An example of the binomial distribution problem might be answering the question ‘what is the chance of me throwing two dice and getting a one and a six?’. The probably of getting a one on the first dice is 1/6, and the probably of getting a six on the second dice is 1/6, so multiplying those we get 1/36. However, getting a six on the first dice and the one on the second also counts (and that’s a different ‘permutation’), so we now have 2 x 1/36 = 1/18: 1/18 being the actual change of ‘getting a one and a six by throwing two die’. By using probability equations for the two possible outcomes (1&6, and 6&1) and the number of different permutations you can get (two) the binomial equation can be derived.

The graphs below show the binomial distributions for 10, 20 and 50 tests, at infection levels of 1%, 5%, 10% and 25% of the population. The lines on these graphs show the probably of getting a particular result if you were to do that number of tests. The legend also gives you where the ‘peak of the curve’ should occur, and what the overall probability of being about to measure any values on the curve at all would be.

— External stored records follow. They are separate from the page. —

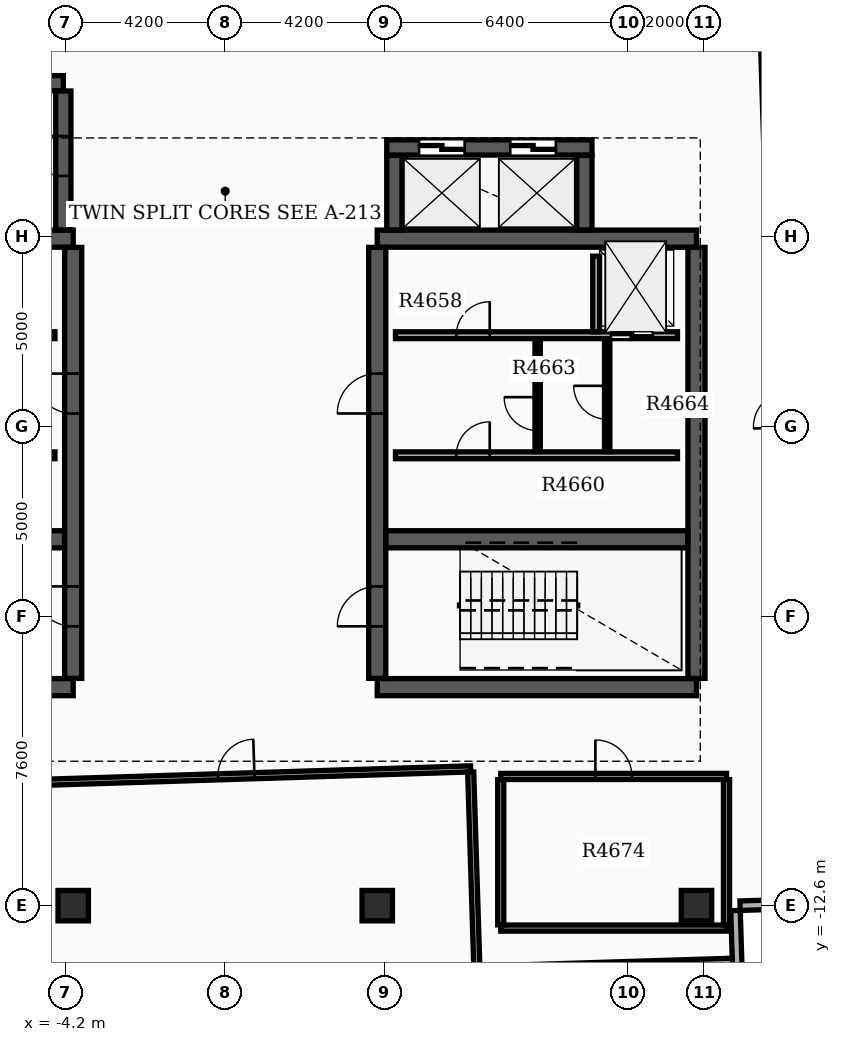
"""IFC4 building model, lengths in metres.
Left out: names, types, materials, properties, quantities, classifications, styles, units other than length and angle.
Written with IfcOpenShell. Run it as: python <this file> out.ifc"""

import sys

from ifc_helpers import new_model, si_unit, direction, frame, frame_2d, origin, origin_2d, place, context, subcontext, project, spatial, rectangle, extrude, element, fill, save


model = new_model("IFC4")
c1 = context("Model", 3, precision=1e-05, world=origin(), true_north=direction((0.0, 1.0)))
c2 = subcontext(c1, "Body", "Model", "MODEL_VIEW")
j1 = project(units=[si_unit("LENGTHUNIT", "METRE"), si_unit("PLANEANGLEUNIT", "RADIAN")], contexts=[c1])
p1 = place(None, origin())
s1 = spatial("IfcSite", under=j1, at=p1, CompositionType="ELEMENT")
p2 = place(p1, origin())
s2 = spatial("IfcBuilding", under=s1, at=p2, CompositionType="ELEMENT")
p3 = place(p2, frame((0.0, 0.0, 299.4)))
s3 = spatial("IfcBuildingStorey", under=s2, at=p3, CompositionType="ELEMENT", Elevation=299.4)
for number, where, z_axis, x_axis in (
    (1, (-12.4, -6.85, 0.0), (0.0, 0.0, 1.0), (1.0, 0.0, 0.0)),
    (2, (-12.4, 4.95, 0.0), (0.0, 0.0, 1.0), (1.0, 0.0, 0.0)),
):
    element("IfcWall", number, at=place(p3, frame(where, z_axis=z_axis, x_axis=x_axis)), inside=s3, PredefinedType="SHEAR", context=c2, shape_type="SweptSolid", body=[
        extrude(rectangle(XDim=8.4, YDim=0.45, at=frame_2d((4.2, 0.0))), origin(), (0.0, 0.0, 1.0), 4.25),
    ])
p4 = place(p3, frame((-4.0, -6.62, 0.0), z_axis=(0.0, 0.0, 1.0), x_axis=(0.0, 1.0, 0.0)))
e3 = element("IfcWall", 3, at=p4, inside=s3, PredefinedType="SHEAR", context=c2, shape_type="SweptSolid", body=[
    extrude(rectangle(XDim=11.34, YDim=0.45, at=frame_2d((5.67, 0.0))), origin(), (0.0, 0.0, 1.0), 4.25),
])
p5 = place(p4, frame((1.37, 0.0, 0.0)))
e4 = element("IfcOpeningElement", 4, at=p5, cuts=e3, PredefinedType="OPENING", context=c2, shape_type="SweptSolid", body=[
    extrude(rectangle(XDim=1.05, YDim=2.15, at=frame_2d((0.525, 1.075))), frame((0.0, 0.235, 0.0), z_axis=(0.0, -1.0, 0.0), x_axis=(1.0, 0.0, 0.0)), (0.0, 0.0, 1.0), 0.47),
])
p6 = place(p4, frame((6.97, 0.0, 0.0)))
e5 = element("IfcOpeningElement", 5, at=p6, cuts=e3, PredefinedType="OPENING", context=c2, shape_type="SweptSolid", body=[
    extrude(rectangle(XDim=1.05, YDim=2.15, at=frame_2d((0.525, 1.075))), frame((0.0, 0.235, 0.0), z_axis=(0.0, -1.0, 0.0), x_axis=(1.0, 0.0, 0.0)), (0.0, 0.0, 1.0), 0.47),
])
p7 = place(p3, frame((-12.17, -2.96, 0.0), z_axis=(0.0, 0.0, 1.0), x_axis=(1.0, 0.0, 0.0)))
e6 = element("IfcWall", 6, at=p7, inside=s3, PredefinedType="SHEAR", context=c2, shape_type="SweptSolid", body=[
    extrude(rectangle(XDim=7.94, YDim=0.45, at=frame_2d((3.97, 0.0))), origin(), (0.0, 0.0, 1.0), 4.25),
])
for number, where, z_axis, x_axis in (
    (7, (4.0, -6.85, 0.0), (0.0, 0.0, 1.0), (1.0, 0.0, 0.0)),
    (8, (4.0, 4.95, 0.0), (0.0, 0.0, 1.0), (1.0, 0.0, 0.0)),
):
    element("IfcWall", number, at=place(p3, frame(where, z_axis=z_axis, x_axis=x_axis)), inside=s3, PredefinedType="SHEAR", context=c2, shape_type="SweptSolid", body=[
        extrude(rectangle(XDim=8.4, YDim=0.45, at=frame_2d((4.2, 0.0))), origin(), (0.0, 0.0, 1.0), 4.25),
    ])
p8 = place(p3, frame((4.0, -6.62, 0.0), z_axis=(0.0, 0.0, 1.0), x_axis=(0.0, 1.0, 0.0)))
e9 = element("IfcWall", 9, at=p8, inside=s3, PredefinedType="SHEAR", context=c2, shape_type="SweptSolid", body=[
    extrude(rectangle(XDim=11.34, YDim=0.45, at=frame_2d((5.67, 0.0))), origin(), (0.0, 0.0, 1.0), 4.25),
])
p9 = place(p8, frame((1.37, 0.0, 0.0)))
e10 = element("IfcOpeningElement", 10, at=p9, cuts=e9, PredefinedType="OPENING", context=c2, shape_type="SweptSolid", body=[
    extrude(rectangle(XDim=1.05, YDim=2.15, at=frame_2d((0.525, 1.075))), frame((0.0, 0.235, 0.0), z_axis=(0.0, -1.0, 0.0), x_axis=(1.0, 0.0, 0.0)), (0.0, 0.0, 1.0), 0.47),
])
p10 = place(p8, frame((6.97, 0.0, 0.0)))
e11 = element("IfcOpeningElement", 11, at=p10, cuts=e9, PredefinedType="OPENING", context=c2, shape_type="SweptSolid", body=[
    extrude(rectangle(XDim=1.05, YDim=2.15, at=frame_2d((0.525, 1.075))), frame((0.0, 0.235, 0.0), z_axis=(0.0, -1.0, 0.0), x_axis=(1.0, 0.0, 0.0)), (0.0, 0.0, 1.0), 0.47),
])
p11 = place(p3, frame((12.4, -6.62, 0.0), z_axis=(0.0, 0.0, 1.0), x_axis=(0.0, 1.0, 0.0)))
e12 = element("IfcWall", 12, at=p11, inside=s3, PredefinedType="SHEAR", context=c2, shape_type="SweptSolid", body=[
    extrude(rectangle(XDim=11.34, YDim=0.45, at=frame_2d((5.67, 0.0))), origin(), (0.0, 0.0, 1.0), 4.25),
])
p12 = place(p3, frame((4.23, -2.96, 0.0), z_axis=(0.0, 0.0, 1.0), x_axis=(1.0, 0.0, 0.0)))
e13 = element("IfcWall", 13, at=p12, inside=s3, PredefinedType="SHEAR", context=c2, shape_type="SweptSolid", body=[
    extrude(rectangle(XDim=7.94, YDim=0.45, at=frame_2d((3.97, 0.0))), origin(), (0.0, 0.0, 1.0), 4.25),
])
p13 = place(p3, frame((-12.22, 9.04, 0.0), z_axis=(0.0, 0.0, 1.0), x_axis=(1.0, 0.0, 0.0)))
e14 = element("IfcWall", 14, at=p13, inside=s3, PredefinedType="SHEAR", context=c2, shape_type="SweptSolid", body=[
    extrude(rectangle(XDim=7.96, YDim=0.4, at=frame_2d((3.98, 0.0))), origin(), (0.0, 0.0, 1.0), 4.25),
])
p14 = place(p3, frame((-4.26, 5.18, 0.0), z_axis=(0.0, 0.0, 1.0), x_axis=(0.0, 1.0, 0.0)))
e15 = element("IfcWall", 15, at=p14, inside=s3, PredefinedType="SHEAR", context=c2, shape_type="SweptSolid", body=[
    extrude(rectangle(XDim=3.655, YDim=0.4, at=frame_2d((1.828, 0.0))), origin(), (0.0, 0.0, 1.0), 4.25),
])
p15 = place(p14, frame((1.42, 0.0, 0.0)))
e16 = element("IfcOpeningElement", 16, at=p15, cuts=e15, PredefinedType="OPENING", context=c2, shape_type="SweptSolid", body=[
    extrude(rectangle(XDim=1.05, YDim=2.15, at=frame_2d((0.525, 1.075))), frame((0.0, 0.21, 0.0), z_axis=(0.0, -1.0, 0.0), x_axis=(1.0, 0.0, 0.0)), (0.0, 0.0, 1.0), 0.42),
])
p16 = place(p3, frame((4.45, 5.18, 0.0), z_axis=(0.0, 0.0, 1.0), x_axis=(0.0, 1.0, 0.0)))
e17 = element("IfcWall", 17, at=p16, inside=s3, PredefinedType="SHEAR", context=c2, shape_type="SweptSolid", body=[
    extrude(rectangle(XDim=1.96, YDim=0.4, at=frame_2d((0.98, 0.0))), origin(), (0.0, 0.0, 1.0), 4.25),
])
p17 = place(p3, frame((4.25, 7.35, 0.0), z_axis=(0.0, 0.0, 1.0), x_axis=(1.0, 0.0, 0.0)))
e18 = element("IfcWall", 18, at=p17, inside=s3, PredefinedType="SHEAR", context=c2, shape_type="SweptSolid", body=[
    extrude(rectangle(XDim=5.4, YDim=0.4, at=frame_2d((2.7, 0.0))), origin(), (0.0, 0.0, 1.0), 4.25),
])
p18 = place(p17, frame((0.85, 0.0, 0.0)))
e19 = element("IfcOpeningElement", 19, at=p18, cuts=e18, PredefinedType="OPENING", context=c2, shape_type="SweptSolid", body=[
    extrude(rectangle(XDim=1.2, YDim=2.2, at=frame_2d((0.6, 1.1))), frame((0.0, 0.21, 0.0), z_axis=(0.0, -1.0, 0.0), x_axis=(1.0, 0.0, 0.0)), (0.0, 0.0, 1.0), 0.42),
])
p19 = place(p17, frame((3.25, 0.0, 0.0)))
e20 = element("IfcOpeningElement", 20, at=p19, cuts=e18, PredefinedType="OPENING", context=c2, shape_type="SweptSolid", body=[
    extrude(rectangle(XDim=1.2, YDim=2.2, at=frame_2d((0.6, 1.1))), frame((0.0, 0.21, 0.0), z_axis=(0.0, -1.0, 0.0), x_axis=(1.0, 0.0, 0.0)), (0.0, 0.0, 1.0), 0.42),
])
p20 = place(p3, frame((9.45, 5.18, 0.0), z_axis=(0.0, 0.0, 1.0), x_axis=(0.0, 1.0, 0.0)))
e21 = element("IfcWall", 21, at=p20, inside=s3, PredefinedType="SHEAR", context=c2, shape_type="SweptSolid", body=[
    extrude(rectangle(XDim=1.96, YDim=0.4, at=frame_2d((0.98, 0.0))), origin(), (0.0, 0.0, 1.0), 4.25),
])
for number, where, z_axis, x_axis in (
    (22, (12.4, -12.6, 0.0), (0.0, 0.0, 1.0), (1.0, 0.0, 0.0)),
    (23, (-4.0, -12.6, 0.0), (0.0, 0.0, 1.0), (1.0, 0.0, 0.0)),
    (24, (4.0, -12.6, 0.0), (0.0, 0.0, 1.0), (1.0, 0.0, 0.0)),
):
    element("IfcColumn", number, at=place(p3, frame(where, z_axis=z_axis, x_axis=x_axis)), inside=s3, PredefinedType="COLUMN", context=c2, shape_type="SweptSolid", body=[
        extrude(rectangle(XDim=0.8, YDim=0.8, at=origin_2d()), origin(), (0.0, 0.0, 1.0), 4.5),
    ])
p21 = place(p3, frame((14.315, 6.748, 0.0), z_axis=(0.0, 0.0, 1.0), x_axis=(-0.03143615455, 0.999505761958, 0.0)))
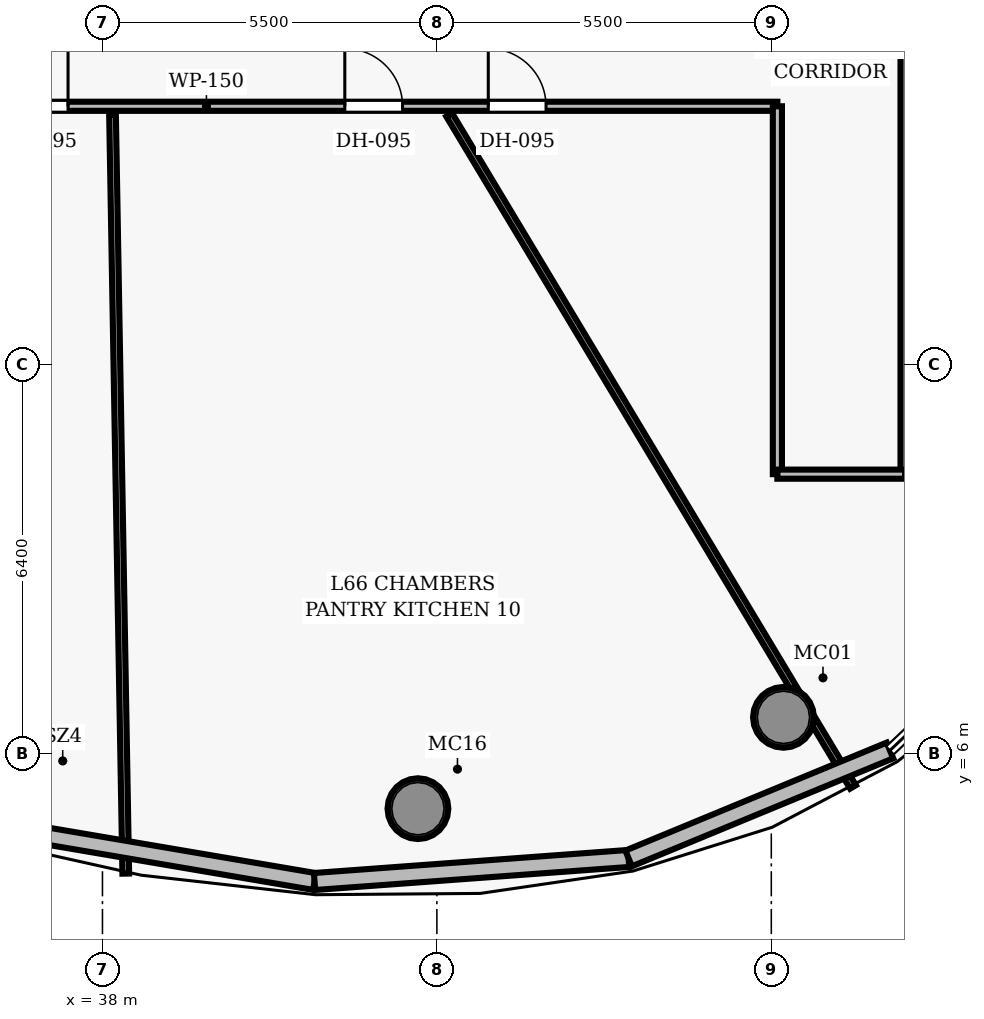
"""IFC4 building model, lengths in metres.
Left out: names, types, materials, properties, quantities, classifications, styles, units other than length and angle.
Written with IfcOpenShell. Run it as: python <this file> out.ifc"""

import sys

from ifc_helpers import new_model, si_unit, direction, frame, frame_2d, origin, origin_2d, place, context, subcontext, project, spatial, rectangle, hollow_circle, extrude, element, fill, save


model = new_model("IFC4")
c1 = context("Model", 3, precision=1e-05, world=origin(), true_north=direction((0.0, 1.0)))
c2 = subcontext(c1, "Body", "Model", "MODEL_VIEW")
j1 = project(units=[si_unit("LENGTHUNIT", "METRE"), si_unit("PLANEANGLEUNIT", "RADIAN")], contexts=[c1])
p1 = place(None, origin())
s1 = spatial("IfcSite", under=j1, at=p1, CompositionType="ELEMENT")
p2 = place(p1, origin())
s2 = spatial("IfcBuilding", under=s1, at=p2, CompositionType="ELEMENT")
p3 = place(p2, frame((0.0, 0.0, 261.3)))
s3 = spatial("IfcBuildingStorey", under=s2, at=p3, CompositionType="ELEMENT", Elevation=261.3)
for number, where, z_axis, x_axis in (
    (1, (49.2, 6.601, 0.0), (0.0, 0.0, 1.0), (1.0, 0.0, 0.0)),
    (2, (43.188, 5.099, 0.0), (0.0, 0.0, 1.0), (1.0, 0.0, 0.0)),
):
    element("IfcColumn", number, at=place(p3, frame(where, z_axis=z_axis, x_axis=x_axis)), inside=s3, PredefinedType="COLUMN", context=c2, shape_type="SweptSolid", body=[
        extrude(hollow_circle(Radius=0.5, WallThickness=0.045, at=origin_2d()), origin(), (0.0, 0.0, 1.0), 3.85),
    ])
p4 = place(p3, frame((26.9, 16.65, 0.0), z_axis=(0.0, 0.0, 1.0), x_axis=(1.0, 0.0, 0.0)))
e3 = element("IfcWall", 3, at=p4, inside=s3, PredefinedType="PARTITIONING", context=c2, shape_type="SweptSolid", body=[
    extrude(rectangle(XDim=22.2, YDim=0.15, at=frame_2d((11.1, 0.0))), origin(), (0.0, 0.0, 1.0), 3.04),
])
p5 = place(p4, frame((4.135, 0.0, 0.0)))
e4 = element("IfcOpeningElement", 4, at=p5, cuts=e3, PredefinedType="OPENING", context=c2, shape_type="SweptSolid", body=[
    extrude(rectangle(XDim=0.95, YDim=2.15, at=frame_2d((0.475, 1.075))), frame((0.0, 0.085, 0.0), z_axis=(0.0, -1.0, 0.0), x_axis=(1.0, 0.0, 0.0)), (0.0, 0.0, 1.0), 0.17),
])
p6 = place(p4, frame((9.584, 0.0, 0.0)))
e5 = element("IfcOpeningElement", 5, at=p6, cuts=e3, PredefinedType="OPENING", context=c2, shape_type="SweptSolid", body=[
    extrude(rectangle(XDim=0.95, YDim=2.15, at=frame_2d((0.475, 1.075))), frame((0.0, 0.085, 0.0), z_axis=(0.0, -1.0, 0.0), x_axis=(1.0, 0.0, 0.0)), (0.0, 0.0, 1.0), 0.17),
])
p7 = place(p4, frame((15.086, 0.0, 0.0)))
e6 = element("IfcOpeningElement", 6, at=p7, cuts=e3, PredefinedType="OPENING", context=c2, shape_type="SweptSolid", body=[
    extrude(rectangle(XDim=0.95, YDim=2.15, at=frame_2d((0.475, 1.075))), frame((0.0, 0.085, 0.0), z_axis=(0.0, -1.0, 0.0), x_axis=(1.0, 0.0, 0.0)), (0.0, 0.0, 1.0), 0.17),
])
p8 = place(p4, frame((17.445, 0.0, 0.0)))
e7 = element("IfcOpeningElement", 7, at=p8, cuts=e3, PredefinedType="OPENING", context=c2, shape_type="SweptSolid", body=[
    extrude(rectangle(XDim=0.95, YDim=2.15, at=frame_2d((0.475, 1.075))), frame((0.0, 0.085, 0.0), z_axis=(0.0, -1.0, 0.0), x_axis=(1.0, 0.0, 0.0)), (0.0, 0.0, 1.0), 0.17),
])
p9 = place(p3, frame((51.2, 10.6, 0.0), z_axis=(0.0, 0.0, 1.0), x_axis=(0.0, 1.0, 0.0)))
e8 = element("IfcWall", 8, at=p9, inside=s3, PredefinedType="PARTITIONING", context=c2, shape_type="SweptSolid", body=[
    extrude(rectangle(XDim=30.8, YDim=0.15, at=frame_2d((15.4, 0.0))), origin(), (0.0, 0.0, 1.0), 3.04),
])
p10 = place(p9, frame((17.79, 0.0, 0.0)))
e9 = element("IfcOpeningElement", 9, at=p10, cuts=e8, PredefinedType="OPENING", context=c2, shape_type="SweptSolid", body=[
    extrude(rectangle(XDim=0.95, YDim=2.15, at=frame_2d((0.475, 1.075))), frame((0.0, 0.085, 0.0), z_axis=(0.0, -1.0, 0.0), x_axis=(1.0, 0.0, 0.0)), (0.0, 0.0, 1.0), 0.17),
])
p11 = place(p9, frame((13.401, 0.0, 0.0)))
e10 = element("IfcOpeningElement", 10, at=p11, cuts=e8, PredefinedType="OPENING", context=c2, shape_type="SweptSolid", body=[
    extrude(rectangle(XDim=0.95, YDim=2.15, at=frame_2d((0.475, 1.075))), frame((0.0, 0.085, 0.0), z_axis=(0.0, -1.0, 0.0), x_axis=(1.0, 0.0, 0.0)), (0.0, 0.0, 1.0), 0.17),
])
p12 = place(p3, frame((49.1, 10.6, 0.0), z_axis=(0.0, 0.0, 1.0), x_axis=(0.0, 1.0, 0.0)))
e11 = element("IfcWall", 11, at=p12, inside=s3, PredefinedType="PARTITIONING", context=c2, shape_type="SweptSolid", body=[
    extrude(rectangle(XDim=6.05, YDim=0.15, at=frame_2d((3.025, 0.0))), origin(), (0.0, 0.0, 1.0), 3.04),
])
p13 = place(p3, frame((49.1, 10.6, 0.0), z_axis=(0.0, 0.0, 1.0), x_axis=(1.0, 0.0, 0.0)))
e12 = element("IfcWall", 12, at=p13, inside=s3, PredefinedType="PARTITIONING", context=c2, shape_type="SweptSolid", body=[
    extrude(rectangle(XDim=2.1, YDim=0.15, at=frame_2d((1.05, 0.0))), origin(), (0.0, 0.0, 1.0), 3.04),
])
p14 = place(p3, frame((38.166, 16.51, 0.0), z_axis=(0.0, 0.0, 1.0), x_axis=(0.017468427639, -0.999847415377, 0.0)))
e13 = element("IfcWall", 13, at=p14, inside=s3, PredefinedType="PARTITIONING", context=c2, shape_type="SweptSolid", body=[
    extrude(rectangle(XDim=12.481, YDim=0.11, at=frame_2d((6.24, 0.0))), origin(), (0.0, 0.0, 1.0), 3.04),
])
p15 = place(p3, frame((43.702, 16.51, 0.0), z_axis=(0.0, 0.0, 1.0), x_axis=(0.515038568359, -0.857167004208, 0.0)))
e14 = element("IfcWall", 14, at=p15, inside=s3, PredefinedType="PARTITIONING", context=c2, shape_type="SweptSolid", body=[
    extrude(rectangle(XDim=12.895, YDim=0.11, at=frame_2d((6.448, 0.0))), origin(), (0.0, 0.0, 1.0), 3.04),
])
p16 = place(p3, frame((41.488, 3.901, 0.0), z_axis=(0.0, 0.0, 1.0), x_axis=(-0.985868784633, 0.167519370479, 0.0)))
e15 = element("IfcWall", 15, at=p16, inside=s3, PredefinedType="SOLIDWALL", context=c2, shape_type="SweptSolid", body=[
    extrude(rectangle(XDim=5.86, YDim=0.28, at=frame_2d((2.93, 0.0))), origin(), (0.0, 0.0, 1.0), 3.625),
])
p17 = place(p3, frame((46.654, 4.28, 0.0), z_axis=(0.0, 0.0, 1.0), x_axis=(-0.99732023432, -0.073159758173, 0.0)))
e16 = element("IfcWall", 16, at=p17, inside=s3, PredefinedType="SOLIDWALL", context=c2, shape_type="SweptSolid", body=[
    extrude(rectangle(XDim=5.179, YDim=0.28, at=frame_2d((2.59, 0.0))), origin(), (0.0, 0.0, 1.0), 3.625),
])
p18 = place(p3, frame((50.951, 6.056, 0.0), z_axis=(0.0, 0.0, 1.0), x_axis=(-0.924191341686, -0.381929789296, 0.0)))
e17 = element("IfcWall", 17, at=p18, inside=s3, PredefinedType="SOLIDWALL", context=c2, shape_type="SweptSolid", body=[
    extrude(rectangle(XDim=4.65, YDim=0.28, at=frame_2d((2.325, 0.0))), origin(), (0.0, 0.0, 1.0), 3.625),
])
p19 = place(p6, origin())
e18 = element("IfcDoor", 18, at=p19, inside=s3, OperationType="SINGLE_SWING_RIGHT", PredefinedType="DOOR", context=c2, shape_type="SweptSolid", body=[
    extrude(rectangle(XDim=0.95, YDim=2.15, at=frame_2d((0.475, 1.075))), frame((0.0, 0.025, 0.0), z_axis=(0.0, -1.0, 0.0), x_axis=(1.0, 0.0, 0.0)), (0.0, 0.0, 1.0), 0.05),
])
fill(e5, e18)
p20 = place(p7, origin())
e19 = element("IfcDoor", 19, at=p20, inside=s3, OperationType="SINGLE_SWING_LEFT", PredefinedType="DOOR", context=c2, shape_type="SweptSolid", body=[
    extrude(rectangle(XDim=0.95, YDim=2.15, at=frame_2d((0.475, 1.075))), frame((0.0, 0.025, 0.0), z_axis=(0.0, -1.0, 0.0), x_axis=(1.0, 0.0, 0.0)), (0.0, 0.0, 1.0), 0.05),
])
fill(e6, e19)
p21 = place(p8, origin())
e20 = element("IfcDoor", 20, at=p21, inside=s3, OperationType="SINGLE_SWING_LEFT", PredefinedType="DOOR", context=c2, shape_type="SweptSolid", body=[
    extrude(rectangle(XDim=0.95, YDim=2.15, at=frame_2d((0.475, 1.075))), frame((0.0, 0.025, 0.0), z_axis=(0.0, -1.0, 0.0), x_axis=(1.0, 0.0, 0.0)), (0.0, 0.0, 1.0), 0.05),
])
fill(e7, e20)
save(model, sys.argv[1])

Let’s look at an example. If you look at the second plot, where we test 20 samples from a population with 25% of the people are infected.  We’d perhaps expect that we would find five samples which test positive (25% of 20 is 5), but in fact we only that number of positive tests 20% of the time!! 10% of the time you’d get 3 positive tests (60% of the true  value), and another 10% of the time we’d get 7 positive tests (140% of the true value).

“What sort of mathematical sorcery is this?” I hear you cry. We’ll try this. Toss a coin 40 times keep an note of how many heads and tails you get, and keep trying it until you get exactly 20 heads and 20 tails! You will get there after a few repeats! That’s binominal distribution.

So what do these plots tell us? Most of the time with the 1% infection level, we’d never find a single positive sample, even with 50 tests the total probability that we find any positives is less than 0.5 (or 50%). With 10 tests we only get above a 0.9 probability of detecting any positive samples when we’re at a 25% infection level.

In summary: most of the media narrative seems to be based upon an arithmetical approach to sampling and analysis, but – even without considering specificity and selectivity – we need a probabilitistic story. And that’s not really one for bedtime!

___________________

Notes

1. Pre-print servers have become super-popular with scientists studying Covid-19 in the last 6 months. Publishing a paper in the usual scientific journals can take weeks (if not months!), so many scientists are now putting their research findings onto pre-print servers to share information faster. The scientific community is worried that pre-print papers have not been critiqued by ‘peer-review’, and so there is no ‘quality control’ of the work, and it may end up being wrong, or misleading people. However, peer-review is far from a guarentte of repeatable and robust science: this is known as the ‘replication crisis’.